The girl as the new mermaid could not stop crying. She cried and cried and cried until the place of the village, and the huge stone that blocked the harbour was covered with water. By then the village was abandoned, and the villagers who had survived the huge wave went in different directions to live all over the country. None of them ever talked about what caused the end of their village. Although the story was lost quite soon, a deep and sometimes ruthless longing remained for the place where the little village once was, close to the sea, and at the same time, positioned at the mouth of a river.

But the girl who became the new mermaid did not forget one second of it. The land where the village once was, stayed unoccupied for hundreds of years. But slowly the land did rise, and the stone–no longer under water–became to lay in a forest, near the beach. The new mermaid still watched the place. Sometimes you could see a foggy shape swimming near the shore, looking out of the water. Most people would not realize they saw the new mermaid because it looks from afar a little bit like a goose. But if you listen carefully you’ll hear that it is whispering the spell it put on the land and the shore: “If ever someone lights a deep fire, earth and sea will join their powers again and blow up together.”

And if after that, it didn’t die, it will live forever.

The END

This was the end of the story of the Mermaid and the Rock.

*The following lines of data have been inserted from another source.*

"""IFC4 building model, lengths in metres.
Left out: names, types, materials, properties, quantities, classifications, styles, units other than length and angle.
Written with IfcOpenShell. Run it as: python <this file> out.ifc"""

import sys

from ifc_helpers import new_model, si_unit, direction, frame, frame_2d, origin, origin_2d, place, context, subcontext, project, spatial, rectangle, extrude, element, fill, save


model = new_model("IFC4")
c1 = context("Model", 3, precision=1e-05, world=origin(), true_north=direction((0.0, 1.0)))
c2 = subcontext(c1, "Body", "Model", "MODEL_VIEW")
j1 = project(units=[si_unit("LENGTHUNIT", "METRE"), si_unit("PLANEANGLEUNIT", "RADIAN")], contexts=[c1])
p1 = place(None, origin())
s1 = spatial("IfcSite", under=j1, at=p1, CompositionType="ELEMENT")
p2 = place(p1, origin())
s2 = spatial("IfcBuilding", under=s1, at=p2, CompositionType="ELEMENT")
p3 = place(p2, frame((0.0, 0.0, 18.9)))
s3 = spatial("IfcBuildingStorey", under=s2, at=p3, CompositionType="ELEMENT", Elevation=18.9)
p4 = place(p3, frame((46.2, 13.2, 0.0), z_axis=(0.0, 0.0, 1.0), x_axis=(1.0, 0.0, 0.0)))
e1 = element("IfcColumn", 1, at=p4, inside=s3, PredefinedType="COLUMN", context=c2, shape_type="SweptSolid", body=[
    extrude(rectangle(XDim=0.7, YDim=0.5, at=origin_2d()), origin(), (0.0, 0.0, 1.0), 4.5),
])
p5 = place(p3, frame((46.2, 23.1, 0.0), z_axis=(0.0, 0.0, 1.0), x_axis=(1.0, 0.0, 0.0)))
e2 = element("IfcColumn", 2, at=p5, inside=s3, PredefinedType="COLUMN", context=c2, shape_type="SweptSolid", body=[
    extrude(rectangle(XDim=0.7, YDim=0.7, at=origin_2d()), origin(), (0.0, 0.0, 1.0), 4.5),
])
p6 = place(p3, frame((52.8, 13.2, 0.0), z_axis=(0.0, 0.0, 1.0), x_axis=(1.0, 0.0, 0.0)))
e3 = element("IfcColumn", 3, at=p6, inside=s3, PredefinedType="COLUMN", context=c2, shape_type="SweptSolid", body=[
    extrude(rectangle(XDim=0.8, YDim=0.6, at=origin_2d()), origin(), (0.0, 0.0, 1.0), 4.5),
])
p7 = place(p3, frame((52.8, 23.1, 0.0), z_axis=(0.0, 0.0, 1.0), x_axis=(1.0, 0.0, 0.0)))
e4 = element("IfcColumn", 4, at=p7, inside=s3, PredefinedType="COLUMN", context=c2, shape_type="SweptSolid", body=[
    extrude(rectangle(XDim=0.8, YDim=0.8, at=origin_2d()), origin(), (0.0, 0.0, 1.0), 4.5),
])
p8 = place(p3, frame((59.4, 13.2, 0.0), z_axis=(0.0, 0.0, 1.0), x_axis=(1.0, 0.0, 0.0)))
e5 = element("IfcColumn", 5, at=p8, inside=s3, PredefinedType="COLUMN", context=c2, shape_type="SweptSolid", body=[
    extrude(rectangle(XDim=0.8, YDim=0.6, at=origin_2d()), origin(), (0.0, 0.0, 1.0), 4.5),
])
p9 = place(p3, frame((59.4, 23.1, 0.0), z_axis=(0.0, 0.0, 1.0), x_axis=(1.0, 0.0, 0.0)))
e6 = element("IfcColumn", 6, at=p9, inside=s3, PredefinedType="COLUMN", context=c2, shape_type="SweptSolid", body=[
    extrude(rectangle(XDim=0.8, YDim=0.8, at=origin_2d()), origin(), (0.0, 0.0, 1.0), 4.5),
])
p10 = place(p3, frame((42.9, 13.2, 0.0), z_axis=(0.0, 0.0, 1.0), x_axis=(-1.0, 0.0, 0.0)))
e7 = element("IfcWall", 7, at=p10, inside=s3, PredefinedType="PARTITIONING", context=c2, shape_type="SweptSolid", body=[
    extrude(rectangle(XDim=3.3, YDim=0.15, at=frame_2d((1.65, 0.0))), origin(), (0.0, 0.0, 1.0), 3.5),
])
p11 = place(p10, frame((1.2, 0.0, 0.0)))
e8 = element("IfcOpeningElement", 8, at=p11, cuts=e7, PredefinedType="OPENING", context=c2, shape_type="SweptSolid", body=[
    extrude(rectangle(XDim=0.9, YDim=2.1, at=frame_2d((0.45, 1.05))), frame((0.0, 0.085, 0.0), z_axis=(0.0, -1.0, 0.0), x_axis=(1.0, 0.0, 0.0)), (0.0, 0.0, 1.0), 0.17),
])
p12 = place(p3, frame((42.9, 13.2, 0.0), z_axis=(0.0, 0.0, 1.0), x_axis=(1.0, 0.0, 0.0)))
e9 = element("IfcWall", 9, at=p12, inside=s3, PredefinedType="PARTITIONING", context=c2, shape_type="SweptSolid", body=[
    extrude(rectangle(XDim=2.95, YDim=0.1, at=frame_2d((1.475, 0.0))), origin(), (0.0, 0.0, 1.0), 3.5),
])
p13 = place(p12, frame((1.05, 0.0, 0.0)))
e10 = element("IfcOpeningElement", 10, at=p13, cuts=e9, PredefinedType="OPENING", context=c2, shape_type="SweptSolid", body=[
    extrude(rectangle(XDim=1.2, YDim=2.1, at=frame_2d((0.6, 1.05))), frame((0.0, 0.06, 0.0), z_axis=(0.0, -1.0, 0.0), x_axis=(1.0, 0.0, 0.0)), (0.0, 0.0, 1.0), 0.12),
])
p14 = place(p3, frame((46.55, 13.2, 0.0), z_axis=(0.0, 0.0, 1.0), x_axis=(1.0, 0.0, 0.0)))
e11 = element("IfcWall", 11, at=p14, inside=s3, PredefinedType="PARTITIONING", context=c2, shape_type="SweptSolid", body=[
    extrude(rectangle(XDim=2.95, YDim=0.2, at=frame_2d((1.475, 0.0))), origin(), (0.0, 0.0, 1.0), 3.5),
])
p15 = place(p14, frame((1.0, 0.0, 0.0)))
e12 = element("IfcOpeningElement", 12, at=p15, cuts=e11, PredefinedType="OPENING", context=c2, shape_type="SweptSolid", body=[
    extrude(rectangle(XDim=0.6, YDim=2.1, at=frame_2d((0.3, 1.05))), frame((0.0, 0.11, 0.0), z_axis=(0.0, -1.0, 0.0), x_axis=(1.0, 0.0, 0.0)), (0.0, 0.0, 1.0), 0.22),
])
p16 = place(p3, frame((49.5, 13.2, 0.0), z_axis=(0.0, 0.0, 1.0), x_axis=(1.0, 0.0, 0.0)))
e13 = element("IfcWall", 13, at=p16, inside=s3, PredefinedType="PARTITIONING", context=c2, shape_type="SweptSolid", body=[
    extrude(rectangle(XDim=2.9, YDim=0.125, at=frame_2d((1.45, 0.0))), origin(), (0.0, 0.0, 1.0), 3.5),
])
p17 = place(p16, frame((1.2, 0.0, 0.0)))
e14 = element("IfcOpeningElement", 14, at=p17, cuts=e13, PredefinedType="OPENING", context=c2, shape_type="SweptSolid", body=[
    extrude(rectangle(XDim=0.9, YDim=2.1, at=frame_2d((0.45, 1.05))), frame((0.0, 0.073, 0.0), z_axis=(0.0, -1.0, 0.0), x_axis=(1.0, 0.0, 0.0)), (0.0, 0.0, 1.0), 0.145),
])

That is until 2007. Now it starts all over again.

Once upon a time there was a small place located near a tongue of land, a peninusla which reaches into the Bothnian Gulf in the Northern part of the Baltic Sea, surrounded by a beautiful magical shore. Sand beaches alternate with smooth rocks and green reeds, framing birches, mountain ashes, berries and grass in which live birds, ticks and mosquitoes. And right in the middle of the forest, there lies a huge rock surrounded by trees, grass and wet land.

Suddenly, from all over the country, energy companies join their powers to invade the peninsula. ithin each company you could find someone with an ancient tie to Broken, the little village. Today they have no knowledge where their urge to invade especially this peninsula stems from. But we know.

The story will be continued...

… until near the rock an invisible glow radiates far over land and sea and the workers and everyone else has to leave – FOR EVER.

Note: This story was told to me during a long evening in front of an open fireplace with unobstructed view out over the sea in August 2013 by A. Z. who wants to stay anonymous.